Por Jorge Alemán *
Después de Gramsci, el poder no puede ser pensado en el campo emancipatorio sólo en su aspecto coercitivo y localizado. Hay una línea que, partiendo de Gramsci y siguiendo por Althusser, Foucault y otros, nos indica que el poder no sólo oprime, sino que fabrica consensos, establece la orientación subjetiva y produce una trama simbólica que funciona de modo “invisible”, naturalizando las ideas dominantes y donde siempre, y en esto consiste su éxito definitivo, esconde su acto de imposición. El procedimiento de los medios orientados por las corporaciones dominantes se define como un acto de enunciación que siempre busca esconder su carácter histórico como también los intereses que promueve bajo un modo supuestamente universal. El orden simbólico que atraviesa al neoliberalismo se comporta como un dispositivo racional que aparenta promover diversas formas de subjetividad, mientras la repetición de lo mismo en el circuito ilimitado de la mercancía prosigue su marcha incesante y circular. Sin embargo, en la medida en que los medios de comunicación, más allá de sus diversas modalidades de transmisión, se sostienen en el lenguaje, es necesario, según nuestro juicio, despejar una confusión muy habitual entre las ciencias sociales y las filosofías contemporáneas concernidas por esta cuestión.

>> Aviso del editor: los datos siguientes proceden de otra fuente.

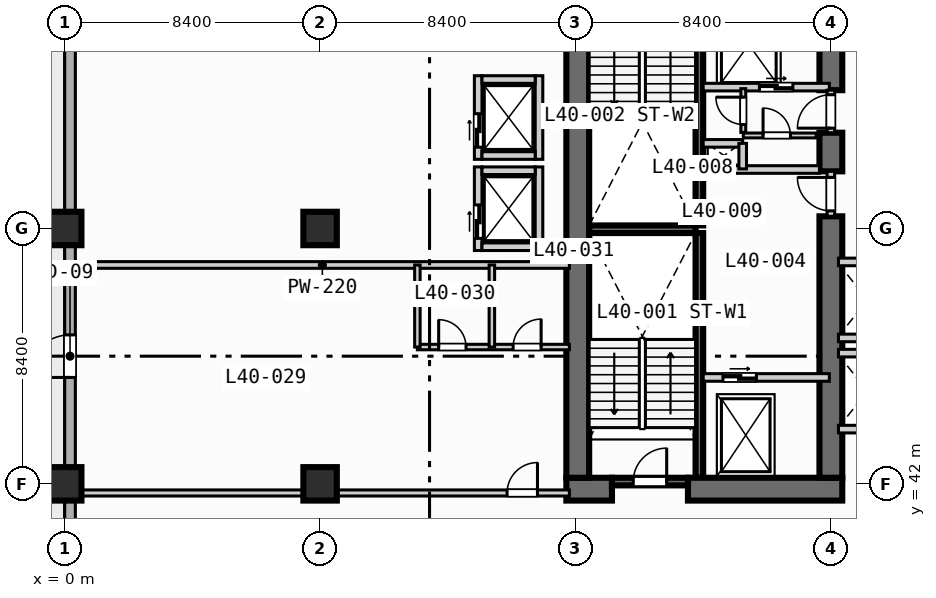
"""IFC4 building model, lengths in metres.
Left out: names, types, materials, properties, quantities, classifications, styles, units other than length and angle.
Written with IfcOpenShell. Run it as: python <this file> out.ifc"""

import sys

from ifc_helpers import new_model, si_unit, direction, frame, frame_2d, origin, origin_2d, place, context, subcontext, project, spatial, rectangle, extrude, element, fill, save


model = new_model("IFC4")
c1 = context("Model", 3, precision=1e-05, world=origin(), true_north=direction((0.0, 1.0)))
c2 = subcontext(c1, "Body", "Model", "MODEL_VIEW")
j1 = project(units=[si_unit("LENGTHUNIT", "METRE"), si_unit("PLANEANGLEUNIT", "RADIAN")], contexts=[c1])
p1 = place(None, origin())
s1 = spatial("IfcSite", under=j1, at=p1, CompositionType="ELEMENT")
p2 = place(p1, origin())
s2 = spatial("IfcBuilding", under=s1, at=p2, CompositionType="ELEMENT")
p3 = place(p2, frame((0.0, 0.0, 168.0)))
s3 = spatial("IfcBuildingStorey", under=s2, at=p3, CompositionType="ELEMENT", Elevation=168.0)
for number, where, z_axis, x_axis in (
    (1, (20.875, 42.2, 0.0), (0.0, 0.0, 1.0), (0.0, 1.0, 0.0)),
    (2, (20.875, 50.5, 0.0), (0.0, 0.0, 1.0), (0.0, 1.0, 0.0)),
):
    element("IfcWall", number, at=place(p3, frame(where, z_axis=z_axis, x_axis=x_axis)), inside=s3, PredefinedType="SOLIDWALL", context=c2, shape_type="SweptSolid", body=[
        extrude(rectangle(XDim=8.05, YDim=0.25, at=frame_2d((4.025, 0.0))), origin(), (0.0, 0.0, 1.0), 3.47),
    ])
p4 = place(p3, frame((17.25, 50.375, 0.0), z_axis=(0.0, 0.0, 1.0), x_axis=(1.0, 0.0, 0.0)))
e3 = element("IfcWall", 3, at=p4, inside=s3, PredefinedType="SOLIDWALL", context=c2, shape_type="SweptSolid", body=[
    extrude(rectangle(XDim=3.5, YDim=0.25, at=frame_2d((1.75, 0.0))), origin(), (0.0, 0.0, 1.0), 3.47),
])
p5 = place(p3, frame((16.5, 41.825, 0.0), z_axis=(0.0, 0.0, 1.0), x_axis=(1.0, 0.0, 0.0)))
e4 = element("IfcWall", 4, at=p5, inside=s3, PredefinedType="SHEAR", context=c2, shape_type="SweptSolid", body=[
    extrude(rectangle(XDim=1.5, YDim=0.75, at=frame_2d((0.75, 0.0))), origin(), (0.0, 0.0, 1.0), 3.47),
])
p6 = place(p3, frame((20.5, 41.825, 0.0), z_axis=(0.0, 0.0, 1.0), x_axis=(1.0, 0.0, 0.0)))
e5 = element("IfcWall", 5, at=p6, inside=s3, PredefinedType="SHEAR", context=c2, shape_type="SweptSolid", body=[
    extrude(rectangle(XDim=5.075, YDim=0.75, at=frame_2d((2.538, 0.0))), origin(), (0.0, 0.0, 1.0), 3.47),
])
p7 = place(p3, frame((16.875, 42.2, 0.0), z_axis=(0.0, 0.0, 1.0), x_axis=(0.0, 1.0, 0.0)))
e6 = element("IfcWall", 6, at=p7, inside=s3, PredefinedType="SHEAR", context=c2, shape_type="SweptSolid", body=[
    extrude(rectangle(XDim=16.35, YDim=0.75, at=frame_2d((8.175, 0.0))), origin(), (0.0, 0.0, 1.0), 3.47),
])
p8 = place(p3, frame((25.2, 42.2, 0.0), z_axis=(0.0, 0.0, 1.0), x_axis=(0.0, 1.0, 0.0)))
e7 = element("IfcWall", 7, at=p8, inside=s3, PredefinedType="SHEAR", context=c2, shape_type="SweptSolid", body=[
    extrude(rectangle(XDim=8.6, YDim=0.75, at=frame_2d((4.3, 0.0))), origin(), (0.0, 0.0, 1.0), 3.47),
])
p9 = place(p3, frame((25.2, 52.28, 0.0), z_axis=(0.0, 0.0, 1.0), x_axis=(0.0, 1.0, 0.0)))
e8 = element("IfcWall", 8, at=p9, inside=s3, PredefinedType="SHEAR", context=c2, shape_type="SweptSolid", body=[
    extrude(rectangle(XDim=1.27, YDim=0.75, at=frame_2d((0.635, 0.0))), origin(), (0.0, 0.0, 1.0), 3.47),
])
p10 = place(p3, frame((25.2, 54.95, 0.0), z_axis=(0.0, 0.0, 1.0), x_axis=(0.0, 1.0, 0.0)))
e9 = element("IfcWall", 9, at=p10, inside=s3, PredefinedType="SHEAR", context=c2, shape_type="SweptSolid", body=[
    extrude(rectangle(XDim=3.6, YDim=0.75, at=frame_2d((1.8, 0.0))), origin(), (0.0, 0.0, 1.0), 3.47),
])
for number, where, z_axis, x_axis in (
    (10, (0.0, 42.0, 0.0), (0.0, 0.0, 1.0), (1.0, 0.0, 0.0)),
    (11, (0.0, 50.4, 0.0), (0.0, 0.0, 1.0), (1.0, 0.0, 0.0)),
    (12, (8.4, 42.0, 0.0), (0.0, 0.0, 1.0), (1.0, 0.0, 0.0)),
    (13, (8.4, 50.4, 0.0), (0.0, 0.0, 1.0), (1.0, 0.0, 0.0)),
):
    element("IfcColumn", number, at=place(p3, frame(where, z_axis=z_axis, x_axis=x_axis)), inside=s3, PredefinedType="COLUMN", context=c2, shape_type="SweptSolid", body=[
        extrude(rectangle(XDim=1.1, YDim=1.1, at=origin_2d()), origin(), (0.0, 0.0, 1.0), 3.7),
    ])
p11 = place(p3, frame((0.175, 3.175, 0.0), z_axis=(0.0, 0.0, 1.0), x_axis=(0.0, 1.0, 0.0)))
e14 = element("IfcWall", 14, at=p11, inside=s3, PredefinedType="STANDARD", context=c2, shape_type="SweptSolid", body=[
    extrude(rectangle(XDim=69.25, YDim=0.35, at=frame_2d((34.625, 0.0))), origin(), (0.0, 0.0, 1.0), 3.47),
])
p12 = place(p11, frame((42.325, 0.0, 0.0)))
e15 = element("IfcOpeningElement", 15, at=p12, cuts=e14, PredefinedType="OPENING", context=c2, shape_type="SweptSolid", body=[
    extrude(rectangle(XDim=1.4, YDim=2.2, at=frame_2d((0.7, 1.1))), frame((0.0, 0.185, 0.0), z_axis=(0.0, -1.0, 0.0), x_axis=(1.0, 0.0, 0.0)), (0.0, 0.0, 1.0), 0.37),
])
p13 = place(p11, frame((25.025, 0.0, 0.85)))
e16 = element("IfcOpeningElement", 16, at=p13, cuts=e14, PredefinedType="OPENING", context=c2, shape_type="SweptSolid", body=[
    extrude(rectangle(XDim=2.4, YDim=1.95, at=frame_2d((1.2, 0.975))), frame((0.0, 0.185, 0.0), z_axis=(0.0, -1.0, 0.0), x_axis=(1.0, 0.0, 0.0)), (0.0, 0.0, 1.0), 0.37),
])
p14 = place(p11, frame((33.725, 0.0, 0.85)))
e17 = element("IfcOpeningElement", 17, at=p14, cuts=e14, PredefinedType="OPENING", context=c2, shape_type="SweptSolid", body=[
    extrude(rectangle(XDim=1.8, YDim=1.8, at=frame_2d((0.9, 0.9))), frame((0.0, 0.185, 0.0), z_axis=(0.0, -1.0, 0.0), x_axis=(1.0, 0.0, 0.0)), (0.0, 0.0, 1.0), 0.37),
])
p15 = place(p11, frame((58.625, 0.0, 0.85)))
e18 = element("IfcOpeningElement", 18, at=p15, cuts=e14, PredefinedType="OPENING", context=c2, shape_type="SweptSolid", body=[
    extrude(rectangle(XDim=2.4, YDim=1.95, at=frame_2d((1.2, 0.975))), frame((0.0, 0.185, 0.0), z_axis=(0.0, -1.0, 0.0), x_axis=(1.0, 0.0, 0.0)), (0.0, 0.0, 1.0), 0.37),
])
p16 = place(p3, frame((18.0, 42.075, 0.0), z_axis=(0.0, 0.0, 1.0), x_axis=(1.0, 0.0, 0.0)))
e19 = element("IfcWall", 19, at=p16, inside=s3, PredefinedType="SOLIDWALL", context=c2, shape_type="SweptSolid", body=[
    extrude(rectangle(XDim=2.5, YDim=0.25, at=frame_2d((1.25, 0.0))), origin(), (0.0, 0.0, 1.0), 3.47),
])
p17 = place(p16, frame((0.7, 0.0, 0.0)))
e20 = element("IfcOpeningElement", 20, at=p17, cuts=e19, PredefinedType="OPENING", context=c2, shape_type="SweptSolid", body=[
    extrude(rectangle(XDim=1.1, YDim=2.15, at=frame_2d((0.55, 1.075))), frame((0.0, 0.135, 0.0), z_axis=(0.0, -1.0, 0.0), x_axis=(1.0, 0.0, 0.0)), (0.0, 0.0, 1.0), 0.27),
])
p18 = place(p3, frame((21.0, 45.5, 0.0), z_axis=(0.0, 0.0, 1.0), x_axis=(1.0, 0.0, 0.0)))
e21 = element("IfcWall", 21, at=p18, inside=s3, PredefinedType="SOLIDWALL", context=c2, shape_type="SweptSolid", body=[
    extrude(rectangle(XDim=4.15, YDim=0.25, at=frame_2d((2.075, 0.0))), origin(), (0.0, 0.0, 1.0), 3.47),
])
p19 = place(p18, frame((0.65, 0.0, 0.0)))
e22 = element("IfcOpeningElement", 22, at=p19, cuts=e21, PredefinedType="OPENING", context=c2, shape_type="SweptSolid", body=[
    extrude(rectangle(XDim=1.1, YDim=2.15, at=frame_2d((0.55, 1.075))), frame((0.0, 0.135, 0.0), z_axis=(0.0, -1.0, 0.0), x_axis=(1.0, 0.0, 0.0)), (0.0, 0.0, 1.0), 0.27),
])
p20 = place(p3, frame((25.2, 50.8, 0.0), z_axis=(0.0, 0.0, 1.0), x_axis=(0.0, 1.0, 0.0)))
e23 = element("IfcWall", 23, at=p20, inside=s3, PredefinedType="SOLIDWALL", context=c2, shape_type="SweptSolid", body=[
    extrude(rectangle(XDim=1.48, YDim=0.25, at=frame_2d((0.74, 0.0))), origin(), (0.0, 0.0, 1.0), 3.47),
])
p21 = place(p20, frame((0.18, 0.0, 0.0)))
e24 = element("IfcOpeningElement", 24, at=p21, cuts=e23, PredefinedType="OPENING", context=c2, shape_type="SweptSolid", body=[
    extrude(rectangle(XDim=1.1, YDim=2.15, at=frame_2d((0.55, 1.075))), frame((0.0, 0.135, 0.0), z_axis=(0.0, -1.0, 0.0), x_axis=(1.0, 0.0, 0.0)), (0.0, 0.0, 1.0), 0.27),
])
p22 = place(p3, frame((21.0, 52.34, 0.0), z_axis=(0.0, 0.0, 1.0), x_axis=(1.0, 0.0, 0.0)))
e25 = element("IfcWall", 25, at=p22, inside=s3, PredefinedType="SOLIDWALL", context=c2, shape_type="SweptSolid", body=[
    extrude(rectangle(XDim=3.825, YDim=0.25, at=frame_2d((1.913, 0.0))), origin(), (0.0, 0.0, 1.0), 3.47),
])
p23 = place(p3, frame((21.0, 55.05, 0.0), z_axis=(0.0, 0.0, 1.0), x_axis=(1.0, 0.0, 0.0)))
e26 = element("IfcWall", 26, at=p23, inside=s3, PredefinedType="SOLIDWALL", context=c2, shape_type="SweptSolid", body=[
    extrude(rectangle(XDim=4.15, YDim=0.25, at=frame_2d((2.075, 0.0))), origin(), (0.0, 0.0, 1.0), 3.47),
])
p24 = place(p23, frame((1.85, 0.0, 0.0)))
e27 = element("IfcOpeningElement", 27, at=p24, cuts=e26, PredefinedType="OPENING", context=c2, shape_type="SweptSolid", body=[
    extrude(rectangle(XDim=1.1, YDim=2.15, at=frame_2d((0.55, 1.075))), frame((0.0, 0.135, 0.0), z_axis=(0.0, -1.0, 0.0), x_axis=(1.0, 0.0, 0.0)), (0.0, 0.0, 1.0), 0.27),
])
p25 = place(p3, frame((25.2, 53.55, 0.0), z_axis=(0.0, 0.0, 1.0), x_axis=(0.0, 1.0, 0.0)))
e28 = element("IfcWall", 28, at=p25, inside=s3, PredefinedType="SOLIDWALL", context=c2, shape_type="SweptSolid", body=[
    extrude(rectangle(XDim=1.4, YDim=0.25, at=frame_2d((0.7, 0.0))), origin(), (0.0, 0.0, 1.0), 3.47),
])
p26 = place(p25, frame((0.15, 0.0, 0.0)))
e29 = element("IfcOpeningElement", 29, at=p26, cuts=e28, PredefinedType="OPENING", context=c2, shape_type="SweptSolid", body=[
    extrude(rectangle(XDim=1.1, YDim=2.15, at=frame_2d((0.55, 1.075))), frame((0.0, 0.135, 0.0), z_axis=(0.0, -1.0, 0.0), x_axis=(1.0, 0.0, 0.0)), (0.0, 0.0, 1.0), 0.27),
])
p27 = place(p3, frame((21.0, 53.2, 0.0), z_axis=(0.0, 0.0, 1.0), x_axis=(1.0, 0.0, 0.0)))
e30 = element("IfcWall", 30, at=p27, inside=s3, PredefinedType="SOLIDWALL", context=c2, shape_type="SweptSolid", body=[
    extrude(rectangle(XDim=1.3, YDim=0.25, at=frame_2d((0.65, 0.0))), origin(), (0.0, 0.0, 1.0), 3.47),
])
p28 = place(p3, frame((22.3, 52.36, 0.0), z_axis=(0.0, 0.0, 1.0), x_axis=(0.0, 1.0, 0.0)))
e31 = element("IfcWall", 31, at=p28, inside=s3, PredefinedType="SOLIDWALL", context=c2, shape_type="SweptSolid", body=[
    extrude(rectangle(XDim=0.84, YDim=0.25, at=frame_2d((0.42, 0.0))), origin(), (0.0, 0.0, 1.0), 3.47),
])
p29 = place(p3, frame((22.32, 53.56, 0.0), z_axis=(0.0, 0.0, 1.0), x_axis=(0.0, 1.0, 0.0)))
e32 = element("IfcWall", 32, at=p29, inside=s3, PredefinedType="PARTITIONING", context=c2, shape_type="SweptSolid", body=[
    extrude(rectangle(XDim=1.44, YDim=0.16, at=frame_2d((0.72, 0.0))), origin(), (0.0, 0.0, 1.0), 3.47),
])
p30 = place(p29, frame((0.26, 0.0, 0.0)))
e33 = element("IfcOpeningElement", 33, at=p30, cuts=e32, PredefinedType="OPENING", context=c2, shape_type="SweptSolid", body=[
    extrude(rectangle(XDim=0.9, YDim=2.1, at=frame_2d((0.45, 1.05))), frame((0.0, 0.09, 0.0), z_axis=(0.0, -1.0, 0.0), x_axis=(1.0, 0.0, 0.0)), (0.0, 0.0, 1.0), 0.18),
])
p31 = place(p3, frame((22.32, 53.46, 0.0), z_axis=(0.0, 0.0, 1.0), x_axis=(1.0, 0.0, 0.0)))
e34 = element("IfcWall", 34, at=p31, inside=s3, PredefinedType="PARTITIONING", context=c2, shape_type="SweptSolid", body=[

Es determinante admitir que cuando se trata del orden simbólico, del lenguaje en sus distintas variantes y modos de comparecencia, siempre se debe distinguir dos dimensiones distintas de dicho orden. En primer lugar hay que señalar de entrada la “dependencia y subordinación” del ser hablante con respecto al orden estructural u ontológico del lenguaje con respecto al sujeto. El ser vivo es capturado por el lenguaje para volverlo un sujeto, esta captura se establece antes de su nacimiento y prosigue después de su muerte. Esta dependencia del sujeto que sólo se puede constituir como tal, siendo siempre un efecto del lenguaje que lo precede, exige ser distinguida de la dominación construida de una forma sociohistórica. Son dos vertientes de lo simbólico que, aunque se presenten en la llamada realidad fenoménica mezcladas, obedecen a lógicas radicalmente diversas y distintas. La primera dependencia simbólica es ineliminable y constitutiva del sujeto; la segunda, en tanto construcción sociohistórica, es susceptible de distintas transformaciones epocales.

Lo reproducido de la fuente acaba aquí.